Example 1: Returning a Constant Value

public class NaiveHashCodeExample1 {
    private String name;

    public NaiveHashCodeExample1(String name) {
        this.name = name;
    }

    @Override
    public int hashCode() {
        return 42; // Constant value
    }
}

This implementation, while valid, causes all objects to have the same hash code. As a result, hash-based collections like HashMap or HashSet lose their performance benefits because all elements end up in the same bucket.

Example 2: Using the length() of a String Attribute

public class NaiveHashCodeExample2 {
    private String name;

    public NaiveHashCodeExample2(String name) {
        this.name = name;
    }

    @Override
    public int hashCode() {
        return name.length();
    }
}

This implementation is slightly better but still problematic. It creates hash codes based solely on the length of the name attribute, leading to high collision rates for strings of the same length but different content.

Limitations of Naive Implementations

  • High Collision Rates: Naive implementations often result in multiple objects having the same hash code, reducing the efficiency of hash-based collections.
  • Poor Distribution: Hash codes generated by naive methods tend to cluster, undermining the performance of hash tables.
  • Lack of Scalability: Simple implementations may not scale well as the dataset grows in complexity or size.

The Importance of Overriding hashCode() with equals()

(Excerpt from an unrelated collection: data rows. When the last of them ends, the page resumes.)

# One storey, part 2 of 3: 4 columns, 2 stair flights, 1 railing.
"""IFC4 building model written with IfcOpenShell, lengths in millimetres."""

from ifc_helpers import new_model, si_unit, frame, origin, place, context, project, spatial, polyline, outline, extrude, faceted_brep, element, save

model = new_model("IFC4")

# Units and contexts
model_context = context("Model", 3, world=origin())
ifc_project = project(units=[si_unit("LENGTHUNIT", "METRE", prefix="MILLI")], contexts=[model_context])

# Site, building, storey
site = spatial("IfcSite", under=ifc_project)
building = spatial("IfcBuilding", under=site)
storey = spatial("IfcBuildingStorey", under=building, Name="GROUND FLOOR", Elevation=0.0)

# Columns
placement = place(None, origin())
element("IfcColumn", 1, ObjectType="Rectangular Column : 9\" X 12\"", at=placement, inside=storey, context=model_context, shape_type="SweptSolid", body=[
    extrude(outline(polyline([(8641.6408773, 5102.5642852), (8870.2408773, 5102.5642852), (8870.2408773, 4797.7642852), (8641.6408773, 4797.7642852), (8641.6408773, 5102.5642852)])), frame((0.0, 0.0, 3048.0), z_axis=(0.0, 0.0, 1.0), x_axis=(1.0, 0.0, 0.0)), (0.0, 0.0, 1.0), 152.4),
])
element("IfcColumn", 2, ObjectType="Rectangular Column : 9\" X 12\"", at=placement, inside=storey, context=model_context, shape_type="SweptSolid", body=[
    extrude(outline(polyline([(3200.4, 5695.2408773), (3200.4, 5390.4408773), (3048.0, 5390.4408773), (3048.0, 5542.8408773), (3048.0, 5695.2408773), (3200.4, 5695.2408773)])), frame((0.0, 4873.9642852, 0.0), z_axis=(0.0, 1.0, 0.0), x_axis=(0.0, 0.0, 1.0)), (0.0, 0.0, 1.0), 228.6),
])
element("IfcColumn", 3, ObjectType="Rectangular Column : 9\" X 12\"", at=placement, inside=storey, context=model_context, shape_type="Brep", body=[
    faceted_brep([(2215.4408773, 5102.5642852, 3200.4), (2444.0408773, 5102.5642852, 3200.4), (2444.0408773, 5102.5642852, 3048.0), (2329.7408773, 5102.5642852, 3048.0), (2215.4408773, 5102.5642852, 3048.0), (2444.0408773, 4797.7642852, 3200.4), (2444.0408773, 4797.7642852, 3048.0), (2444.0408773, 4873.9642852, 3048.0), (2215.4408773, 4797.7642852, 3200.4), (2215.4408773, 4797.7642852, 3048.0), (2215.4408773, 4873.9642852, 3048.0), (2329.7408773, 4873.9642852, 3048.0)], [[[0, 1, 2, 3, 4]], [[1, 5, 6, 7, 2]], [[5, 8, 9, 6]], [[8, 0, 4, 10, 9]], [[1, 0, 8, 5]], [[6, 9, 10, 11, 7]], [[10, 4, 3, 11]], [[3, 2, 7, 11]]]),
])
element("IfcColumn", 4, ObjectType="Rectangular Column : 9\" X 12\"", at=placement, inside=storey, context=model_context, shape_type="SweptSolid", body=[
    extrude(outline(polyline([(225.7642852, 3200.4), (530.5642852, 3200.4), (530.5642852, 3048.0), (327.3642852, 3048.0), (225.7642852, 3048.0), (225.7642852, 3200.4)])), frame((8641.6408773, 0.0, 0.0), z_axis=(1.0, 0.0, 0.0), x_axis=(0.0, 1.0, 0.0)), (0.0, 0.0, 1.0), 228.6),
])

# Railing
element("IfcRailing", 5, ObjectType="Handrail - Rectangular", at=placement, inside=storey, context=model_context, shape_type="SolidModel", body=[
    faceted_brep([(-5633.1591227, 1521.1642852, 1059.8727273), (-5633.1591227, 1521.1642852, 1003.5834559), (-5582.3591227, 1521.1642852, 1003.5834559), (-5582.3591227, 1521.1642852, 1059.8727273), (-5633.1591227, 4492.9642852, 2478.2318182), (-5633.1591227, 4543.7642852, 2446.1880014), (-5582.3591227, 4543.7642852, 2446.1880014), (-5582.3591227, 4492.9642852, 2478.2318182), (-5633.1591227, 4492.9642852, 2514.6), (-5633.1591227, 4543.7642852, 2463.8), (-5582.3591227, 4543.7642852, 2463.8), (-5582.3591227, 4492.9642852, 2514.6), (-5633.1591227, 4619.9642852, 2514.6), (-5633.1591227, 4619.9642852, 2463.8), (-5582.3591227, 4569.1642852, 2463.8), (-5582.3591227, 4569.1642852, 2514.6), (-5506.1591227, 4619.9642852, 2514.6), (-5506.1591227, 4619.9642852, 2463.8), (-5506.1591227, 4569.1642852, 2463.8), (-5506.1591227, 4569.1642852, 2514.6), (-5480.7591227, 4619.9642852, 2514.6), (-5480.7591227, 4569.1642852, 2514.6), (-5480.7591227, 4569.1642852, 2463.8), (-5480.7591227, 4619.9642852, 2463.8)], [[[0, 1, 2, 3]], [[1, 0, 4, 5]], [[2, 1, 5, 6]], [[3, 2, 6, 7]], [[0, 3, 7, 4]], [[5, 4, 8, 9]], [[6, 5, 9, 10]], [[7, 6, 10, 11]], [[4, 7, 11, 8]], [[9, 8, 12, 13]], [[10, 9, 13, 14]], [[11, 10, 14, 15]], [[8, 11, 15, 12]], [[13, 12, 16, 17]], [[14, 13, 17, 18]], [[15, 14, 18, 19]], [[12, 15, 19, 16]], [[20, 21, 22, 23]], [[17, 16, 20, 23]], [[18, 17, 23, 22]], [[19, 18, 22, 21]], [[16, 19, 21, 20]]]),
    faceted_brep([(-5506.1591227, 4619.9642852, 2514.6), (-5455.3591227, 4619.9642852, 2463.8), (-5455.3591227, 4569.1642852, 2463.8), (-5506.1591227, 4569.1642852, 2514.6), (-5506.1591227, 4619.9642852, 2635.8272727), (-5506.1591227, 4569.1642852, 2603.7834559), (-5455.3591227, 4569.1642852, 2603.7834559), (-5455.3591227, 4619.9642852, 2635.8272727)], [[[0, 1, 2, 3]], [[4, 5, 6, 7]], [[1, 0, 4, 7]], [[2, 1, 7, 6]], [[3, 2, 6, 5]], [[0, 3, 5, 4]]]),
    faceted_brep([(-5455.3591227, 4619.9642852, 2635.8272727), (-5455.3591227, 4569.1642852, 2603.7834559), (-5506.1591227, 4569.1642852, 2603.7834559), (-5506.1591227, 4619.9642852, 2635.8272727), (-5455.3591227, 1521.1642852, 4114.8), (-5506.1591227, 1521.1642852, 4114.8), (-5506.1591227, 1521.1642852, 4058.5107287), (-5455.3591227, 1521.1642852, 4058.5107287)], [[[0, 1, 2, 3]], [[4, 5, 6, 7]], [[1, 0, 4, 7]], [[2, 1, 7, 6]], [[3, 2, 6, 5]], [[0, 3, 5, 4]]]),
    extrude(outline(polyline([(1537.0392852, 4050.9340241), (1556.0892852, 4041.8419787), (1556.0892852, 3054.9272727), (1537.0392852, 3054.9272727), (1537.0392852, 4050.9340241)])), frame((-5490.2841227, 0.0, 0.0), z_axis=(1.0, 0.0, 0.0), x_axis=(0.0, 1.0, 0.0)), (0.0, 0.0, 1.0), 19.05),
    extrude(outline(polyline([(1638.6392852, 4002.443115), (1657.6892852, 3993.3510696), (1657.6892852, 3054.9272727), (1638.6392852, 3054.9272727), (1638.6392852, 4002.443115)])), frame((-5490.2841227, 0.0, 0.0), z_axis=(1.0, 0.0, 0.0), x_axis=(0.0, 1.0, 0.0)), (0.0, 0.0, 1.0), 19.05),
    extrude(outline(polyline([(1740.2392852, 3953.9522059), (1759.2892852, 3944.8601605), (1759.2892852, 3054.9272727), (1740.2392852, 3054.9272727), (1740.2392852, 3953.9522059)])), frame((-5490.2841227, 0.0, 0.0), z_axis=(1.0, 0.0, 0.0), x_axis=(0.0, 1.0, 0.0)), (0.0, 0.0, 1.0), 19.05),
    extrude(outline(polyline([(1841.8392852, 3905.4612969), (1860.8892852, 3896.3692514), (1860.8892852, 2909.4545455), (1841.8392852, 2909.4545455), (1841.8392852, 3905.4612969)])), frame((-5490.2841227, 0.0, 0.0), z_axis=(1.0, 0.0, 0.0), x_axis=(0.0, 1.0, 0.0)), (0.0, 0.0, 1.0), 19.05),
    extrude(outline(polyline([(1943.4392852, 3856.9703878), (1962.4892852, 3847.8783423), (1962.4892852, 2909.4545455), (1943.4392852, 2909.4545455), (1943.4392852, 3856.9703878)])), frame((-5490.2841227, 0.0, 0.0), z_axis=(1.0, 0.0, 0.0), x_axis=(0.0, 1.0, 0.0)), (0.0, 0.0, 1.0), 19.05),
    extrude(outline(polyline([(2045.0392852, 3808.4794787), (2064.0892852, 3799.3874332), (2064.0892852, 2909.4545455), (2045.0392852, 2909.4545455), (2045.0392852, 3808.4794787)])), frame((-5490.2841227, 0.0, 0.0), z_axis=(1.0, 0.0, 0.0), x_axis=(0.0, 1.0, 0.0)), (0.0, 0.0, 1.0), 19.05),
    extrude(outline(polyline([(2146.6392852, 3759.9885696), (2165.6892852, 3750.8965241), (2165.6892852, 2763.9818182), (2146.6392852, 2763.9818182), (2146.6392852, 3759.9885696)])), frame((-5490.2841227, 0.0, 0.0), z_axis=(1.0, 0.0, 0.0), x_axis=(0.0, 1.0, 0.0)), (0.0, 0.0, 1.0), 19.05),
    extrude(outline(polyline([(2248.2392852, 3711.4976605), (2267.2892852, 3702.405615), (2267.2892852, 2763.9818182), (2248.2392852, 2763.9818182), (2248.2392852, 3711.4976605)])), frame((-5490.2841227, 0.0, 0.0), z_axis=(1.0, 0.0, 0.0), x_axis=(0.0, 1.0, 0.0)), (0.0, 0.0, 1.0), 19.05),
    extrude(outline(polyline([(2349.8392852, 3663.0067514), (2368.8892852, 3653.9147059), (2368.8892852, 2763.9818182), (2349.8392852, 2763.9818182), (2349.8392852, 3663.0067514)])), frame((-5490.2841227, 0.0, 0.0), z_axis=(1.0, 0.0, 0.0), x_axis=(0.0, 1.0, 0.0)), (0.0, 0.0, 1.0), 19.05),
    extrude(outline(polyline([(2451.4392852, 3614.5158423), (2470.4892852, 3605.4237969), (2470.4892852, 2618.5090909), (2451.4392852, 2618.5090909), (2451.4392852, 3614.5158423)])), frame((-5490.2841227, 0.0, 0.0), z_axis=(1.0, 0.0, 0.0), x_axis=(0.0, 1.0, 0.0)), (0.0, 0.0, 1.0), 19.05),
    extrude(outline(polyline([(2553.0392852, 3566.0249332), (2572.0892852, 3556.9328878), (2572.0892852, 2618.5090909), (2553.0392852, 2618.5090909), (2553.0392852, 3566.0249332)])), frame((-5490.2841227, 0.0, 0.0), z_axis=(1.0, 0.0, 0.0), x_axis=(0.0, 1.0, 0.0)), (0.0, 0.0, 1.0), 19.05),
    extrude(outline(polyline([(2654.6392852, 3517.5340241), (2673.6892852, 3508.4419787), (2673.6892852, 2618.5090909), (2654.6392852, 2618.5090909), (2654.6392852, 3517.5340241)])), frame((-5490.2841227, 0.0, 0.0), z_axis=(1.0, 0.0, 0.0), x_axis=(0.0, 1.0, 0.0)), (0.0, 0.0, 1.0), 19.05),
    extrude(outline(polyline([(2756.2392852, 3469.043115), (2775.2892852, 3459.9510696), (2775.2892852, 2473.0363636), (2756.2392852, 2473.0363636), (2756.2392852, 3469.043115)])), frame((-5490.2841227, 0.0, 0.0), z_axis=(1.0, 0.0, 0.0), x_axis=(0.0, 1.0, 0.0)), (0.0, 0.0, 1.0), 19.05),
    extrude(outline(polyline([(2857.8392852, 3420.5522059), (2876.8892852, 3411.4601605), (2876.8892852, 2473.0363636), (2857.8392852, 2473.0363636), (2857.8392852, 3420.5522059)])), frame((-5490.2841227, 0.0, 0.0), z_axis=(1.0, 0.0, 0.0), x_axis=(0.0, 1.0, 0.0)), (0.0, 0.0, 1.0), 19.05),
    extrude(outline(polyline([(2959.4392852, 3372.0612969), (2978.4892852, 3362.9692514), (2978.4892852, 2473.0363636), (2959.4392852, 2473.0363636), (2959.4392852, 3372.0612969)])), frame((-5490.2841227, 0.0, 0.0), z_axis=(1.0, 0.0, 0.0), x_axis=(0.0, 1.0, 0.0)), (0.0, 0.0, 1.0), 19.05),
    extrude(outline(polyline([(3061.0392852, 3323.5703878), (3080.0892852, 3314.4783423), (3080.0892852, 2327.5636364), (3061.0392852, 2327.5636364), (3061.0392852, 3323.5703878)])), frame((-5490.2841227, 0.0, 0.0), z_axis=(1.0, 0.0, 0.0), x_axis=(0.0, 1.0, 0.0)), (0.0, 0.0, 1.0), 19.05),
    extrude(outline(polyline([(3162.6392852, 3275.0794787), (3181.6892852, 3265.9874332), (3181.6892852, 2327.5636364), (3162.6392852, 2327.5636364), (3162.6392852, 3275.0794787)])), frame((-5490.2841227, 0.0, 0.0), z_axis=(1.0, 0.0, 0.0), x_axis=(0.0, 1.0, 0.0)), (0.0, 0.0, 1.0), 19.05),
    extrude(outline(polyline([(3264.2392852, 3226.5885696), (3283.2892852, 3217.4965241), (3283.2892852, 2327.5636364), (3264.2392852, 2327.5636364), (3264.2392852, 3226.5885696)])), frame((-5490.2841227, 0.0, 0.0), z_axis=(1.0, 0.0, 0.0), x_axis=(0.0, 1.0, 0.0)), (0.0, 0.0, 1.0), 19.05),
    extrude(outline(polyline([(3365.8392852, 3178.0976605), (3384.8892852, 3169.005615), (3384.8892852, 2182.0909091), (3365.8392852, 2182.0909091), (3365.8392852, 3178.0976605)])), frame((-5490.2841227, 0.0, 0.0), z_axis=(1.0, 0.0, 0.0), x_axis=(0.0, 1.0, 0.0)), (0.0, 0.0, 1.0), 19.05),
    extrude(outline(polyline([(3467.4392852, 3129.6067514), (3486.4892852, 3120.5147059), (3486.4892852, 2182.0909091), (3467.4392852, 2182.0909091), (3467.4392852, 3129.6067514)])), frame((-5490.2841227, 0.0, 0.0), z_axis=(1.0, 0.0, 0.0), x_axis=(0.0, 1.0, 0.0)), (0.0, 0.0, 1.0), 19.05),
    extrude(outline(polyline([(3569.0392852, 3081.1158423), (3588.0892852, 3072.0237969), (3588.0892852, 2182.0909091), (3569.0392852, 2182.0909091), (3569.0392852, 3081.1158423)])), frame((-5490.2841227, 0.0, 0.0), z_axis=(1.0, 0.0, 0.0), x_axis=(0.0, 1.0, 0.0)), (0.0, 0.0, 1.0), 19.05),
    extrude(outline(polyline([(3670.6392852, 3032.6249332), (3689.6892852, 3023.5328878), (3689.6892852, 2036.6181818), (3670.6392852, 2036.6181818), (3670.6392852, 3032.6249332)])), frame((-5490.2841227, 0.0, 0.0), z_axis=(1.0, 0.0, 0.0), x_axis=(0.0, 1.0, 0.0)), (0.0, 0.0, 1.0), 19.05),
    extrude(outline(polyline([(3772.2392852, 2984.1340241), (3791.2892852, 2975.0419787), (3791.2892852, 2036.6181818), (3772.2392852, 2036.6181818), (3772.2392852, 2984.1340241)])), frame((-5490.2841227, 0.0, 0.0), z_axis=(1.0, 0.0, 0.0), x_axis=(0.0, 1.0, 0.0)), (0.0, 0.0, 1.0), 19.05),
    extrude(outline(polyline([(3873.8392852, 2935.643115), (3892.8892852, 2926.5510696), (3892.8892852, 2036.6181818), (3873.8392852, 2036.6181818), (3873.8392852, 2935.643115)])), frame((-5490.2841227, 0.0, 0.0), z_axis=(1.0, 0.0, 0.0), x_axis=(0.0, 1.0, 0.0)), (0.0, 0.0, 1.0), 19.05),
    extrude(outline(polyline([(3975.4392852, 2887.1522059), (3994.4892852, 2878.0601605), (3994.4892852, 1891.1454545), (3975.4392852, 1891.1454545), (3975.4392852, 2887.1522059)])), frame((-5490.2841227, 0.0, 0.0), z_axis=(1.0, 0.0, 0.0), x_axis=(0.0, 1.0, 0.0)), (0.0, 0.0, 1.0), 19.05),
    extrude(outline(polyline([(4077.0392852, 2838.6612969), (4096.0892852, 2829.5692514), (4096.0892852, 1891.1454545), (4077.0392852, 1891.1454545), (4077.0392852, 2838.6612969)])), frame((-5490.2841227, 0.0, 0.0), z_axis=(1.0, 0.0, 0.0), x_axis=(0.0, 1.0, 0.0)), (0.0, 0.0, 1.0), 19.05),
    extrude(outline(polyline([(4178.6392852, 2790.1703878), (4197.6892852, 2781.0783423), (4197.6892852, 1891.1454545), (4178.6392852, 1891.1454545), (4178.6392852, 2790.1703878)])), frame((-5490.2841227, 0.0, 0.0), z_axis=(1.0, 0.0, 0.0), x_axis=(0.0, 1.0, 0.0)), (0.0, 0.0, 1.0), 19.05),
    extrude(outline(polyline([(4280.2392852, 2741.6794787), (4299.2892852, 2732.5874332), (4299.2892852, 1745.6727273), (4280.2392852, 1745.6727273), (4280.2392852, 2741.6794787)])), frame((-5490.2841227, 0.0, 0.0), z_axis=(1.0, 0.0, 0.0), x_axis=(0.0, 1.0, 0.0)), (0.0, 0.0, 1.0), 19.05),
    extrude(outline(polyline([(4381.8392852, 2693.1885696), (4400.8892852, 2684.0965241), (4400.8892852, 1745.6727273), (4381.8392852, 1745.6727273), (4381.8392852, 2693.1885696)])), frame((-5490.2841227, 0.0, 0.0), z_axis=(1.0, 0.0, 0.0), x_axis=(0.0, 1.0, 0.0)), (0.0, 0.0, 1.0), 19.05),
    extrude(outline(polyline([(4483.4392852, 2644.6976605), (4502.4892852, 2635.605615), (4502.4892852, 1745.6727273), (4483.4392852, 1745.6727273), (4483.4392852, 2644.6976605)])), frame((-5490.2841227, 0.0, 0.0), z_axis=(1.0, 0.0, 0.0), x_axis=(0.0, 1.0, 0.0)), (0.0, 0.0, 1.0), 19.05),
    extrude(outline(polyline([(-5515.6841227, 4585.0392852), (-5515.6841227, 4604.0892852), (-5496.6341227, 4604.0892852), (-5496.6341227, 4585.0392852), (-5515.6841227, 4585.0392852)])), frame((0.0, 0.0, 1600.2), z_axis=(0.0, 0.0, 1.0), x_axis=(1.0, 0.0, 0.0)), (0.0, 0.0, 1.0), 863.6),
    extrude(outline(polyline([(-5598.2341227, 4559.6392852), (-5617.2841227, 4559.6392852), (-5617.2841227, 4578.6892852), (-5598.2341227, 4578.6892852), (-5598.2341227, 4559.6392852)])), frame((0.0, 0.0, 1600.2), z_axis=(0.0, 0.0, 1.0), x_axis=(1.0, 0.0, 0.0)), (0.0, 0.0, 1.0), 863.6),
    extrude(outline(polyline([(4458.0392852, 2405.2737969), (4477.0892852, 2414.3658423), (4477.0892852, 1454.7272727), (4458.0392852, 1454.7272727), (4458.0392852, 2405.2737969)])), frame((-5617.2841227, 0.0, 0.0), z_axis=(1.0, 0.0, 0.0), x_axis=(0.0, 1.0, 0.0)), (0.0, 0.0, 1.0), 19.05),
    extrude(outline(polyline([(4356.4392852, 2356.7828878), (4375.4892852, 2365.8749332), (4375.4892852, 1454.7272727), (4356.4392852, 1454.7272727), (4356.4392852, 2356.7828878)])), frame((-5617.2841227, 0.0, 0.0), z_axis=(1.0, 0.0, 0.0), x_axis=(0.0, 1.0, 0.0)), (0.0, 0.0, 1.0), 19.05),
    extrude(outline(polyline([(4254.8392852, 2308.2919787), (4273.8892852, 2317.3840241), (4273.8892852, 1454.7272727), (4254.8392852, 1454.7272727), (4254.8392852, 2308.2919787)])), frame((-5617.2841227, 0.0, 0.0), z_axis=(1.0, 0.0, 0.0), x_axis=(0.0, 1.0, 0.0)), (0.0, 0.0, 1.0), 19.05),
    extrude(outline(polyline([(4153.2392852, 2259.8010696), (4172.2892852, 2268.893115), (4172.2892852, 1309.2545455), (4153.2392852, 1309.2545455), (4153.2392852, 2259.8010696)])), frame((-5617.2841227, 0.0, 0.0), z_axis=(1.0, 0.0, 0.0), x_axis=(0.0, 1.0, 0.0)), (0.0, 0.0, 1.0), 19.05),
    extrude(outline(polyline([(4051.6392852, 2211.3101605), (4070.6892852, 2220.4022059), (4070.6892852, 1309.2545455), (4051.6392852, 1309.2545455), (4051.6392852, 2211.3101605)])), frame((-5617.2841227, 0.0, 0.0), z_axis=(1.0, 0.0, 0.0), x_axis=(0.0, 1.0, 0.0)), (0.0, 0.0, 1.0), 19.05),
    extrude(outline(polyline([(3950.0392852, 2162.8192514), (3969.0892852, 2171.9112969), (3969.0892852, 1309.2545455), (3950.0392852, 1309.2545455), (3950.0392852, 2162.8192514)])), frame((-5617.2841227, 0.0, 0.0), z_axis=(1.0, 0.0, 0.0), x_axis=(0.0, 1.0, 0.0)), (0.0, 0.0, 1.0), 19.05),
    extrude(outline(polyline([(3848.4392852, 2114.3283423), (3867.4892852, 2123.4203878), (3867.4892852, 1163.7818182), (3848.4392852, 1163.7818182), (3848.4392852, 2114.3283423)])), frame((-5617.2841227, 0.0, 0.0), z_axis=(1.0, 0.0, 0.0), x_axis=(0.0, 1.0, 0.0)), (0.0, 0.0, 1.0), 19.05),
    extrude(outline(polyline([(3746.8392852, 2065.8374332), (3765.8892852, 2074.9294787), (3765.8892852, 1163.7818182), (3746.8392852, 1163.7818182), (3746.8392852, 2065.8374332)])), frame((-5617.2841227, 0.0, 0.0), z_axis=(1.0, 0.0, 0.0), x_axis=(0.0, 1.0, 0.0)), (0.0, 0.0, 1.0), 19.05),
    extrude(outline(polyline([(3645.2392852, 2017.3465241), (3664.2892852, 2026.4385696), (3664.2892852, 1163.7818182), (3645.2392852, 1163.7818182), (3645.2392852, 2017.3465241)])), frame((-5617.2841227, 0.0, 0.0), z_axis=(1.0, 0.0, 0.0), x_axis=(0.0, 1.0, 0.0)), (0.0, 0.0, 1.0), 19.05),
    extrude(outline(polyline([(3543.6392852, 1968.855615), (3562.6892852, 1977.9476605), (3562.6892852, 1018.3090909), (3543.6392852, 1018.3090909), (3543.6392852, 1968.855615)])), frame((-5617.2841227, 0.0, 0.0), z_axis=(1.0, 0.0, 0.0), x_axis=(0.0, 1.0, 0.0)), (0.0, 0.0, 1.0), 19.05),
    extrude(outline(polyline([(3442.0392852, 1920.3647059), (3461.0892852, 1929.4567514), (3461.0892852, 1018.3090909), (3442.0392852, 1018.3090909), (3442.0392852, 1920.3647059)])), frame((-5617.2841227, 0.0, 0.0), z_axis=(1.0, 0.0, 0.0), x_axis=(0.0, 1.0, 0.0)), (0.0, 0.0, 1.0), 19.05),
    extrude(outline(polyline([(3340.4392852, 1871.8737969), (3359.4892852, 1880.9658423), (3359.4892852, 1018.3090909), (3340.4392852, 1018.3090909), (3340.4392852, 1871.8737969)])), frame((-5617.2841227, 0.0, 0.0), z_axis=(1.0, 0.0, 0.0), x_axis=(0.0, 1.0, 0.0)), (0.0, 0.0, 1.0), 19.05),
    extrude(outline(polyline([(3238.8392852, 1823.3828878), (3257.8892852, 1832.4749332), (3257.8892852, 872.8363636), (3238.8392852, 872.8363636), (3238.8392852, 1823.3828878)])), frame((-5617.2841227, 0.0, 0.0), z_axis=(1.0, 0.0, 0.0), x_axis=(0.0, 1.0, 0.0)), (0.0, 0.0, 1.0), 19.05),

In Java, the contract between hashCode() and equals() is critical. If two objects are considered equal according to the equals() method, they must also have the same hash code. Failing to maintain this contract can lead to unpredictable behavior in hash-based collections.

Why This Contract Matters

  • Consistency: If hashCode() is not overridden when equals() is overridden, objects that are logically equal may not be treated as equal in collections like HashMap or HashSet.
  • Correct Functionality: Maintaining this contract ensures that hash-based collections work as intended, avoiding bugs like missing elements or failed lookups.

Example: Violating the Contract

import java.util.HashSet;

public class HashCodeEqualsExample {
    private String name;

    public HashCodeEqualsExample(String name) {
        this.name = name;
    }

    @Override
    public boolean equals(Object obj) {
        if (this == obj) return true;
        if (obj == null || getClass() != obj.getClass()) return false;
        HashCodeEqualsExample other = (HashCodeEqualsExample) obj;
        return name.equals(other.name);
    }

    // hashCode is not overridden
}

public class Test {
    public static void main(String[] args) {
        HashSet<HashCodeEqualsExample> set = new HashSet<>();
        HashCodeEqualsExample obj1 = new HashCodeEqualsExample("John");
        HashCodeEqualsExample obj2 = new HashCodeEqualsExample("John");

        set.add(obj1);
        System.out.println(set.contains(obj2)); // Output: false
    }
}

In this example, even though obj1 and obj2 are logically equal, set.contains(obj2) returns false because hashCode() is not overridden.

Proper Implementation of hashCode() and equals()

import java.util.Objects;

public class ProperHashCodeEqualsExample {
    private String name;

    public ProperHashCodeEqualsExample(String name) {
        this.name = name;
    }

    @Override
    public boolean equals(Object obj) {
        if (this == obj) return true;
        if (obj == null || getClass() != obj.getClass()) return false;
        ProperHashCodeEqualsExample other = (ProperHashCodeEqualsExample) obj;
        return name.equals(other.name);
    }

    @Override
    public int hashCode() {
        return Objects.hash(name);
    }
}

By overriding both hashCode() and equals(), the contract is maintained, ensuring correct behavior in hash-based collections.

Conclusion

Every Java object has the hashCode() and equals() methods inherited from Object class. To get a good working equality mechanism, you’d better override hashcode() and equals() methods for your own classes. Using hashcodes makes programs run faster.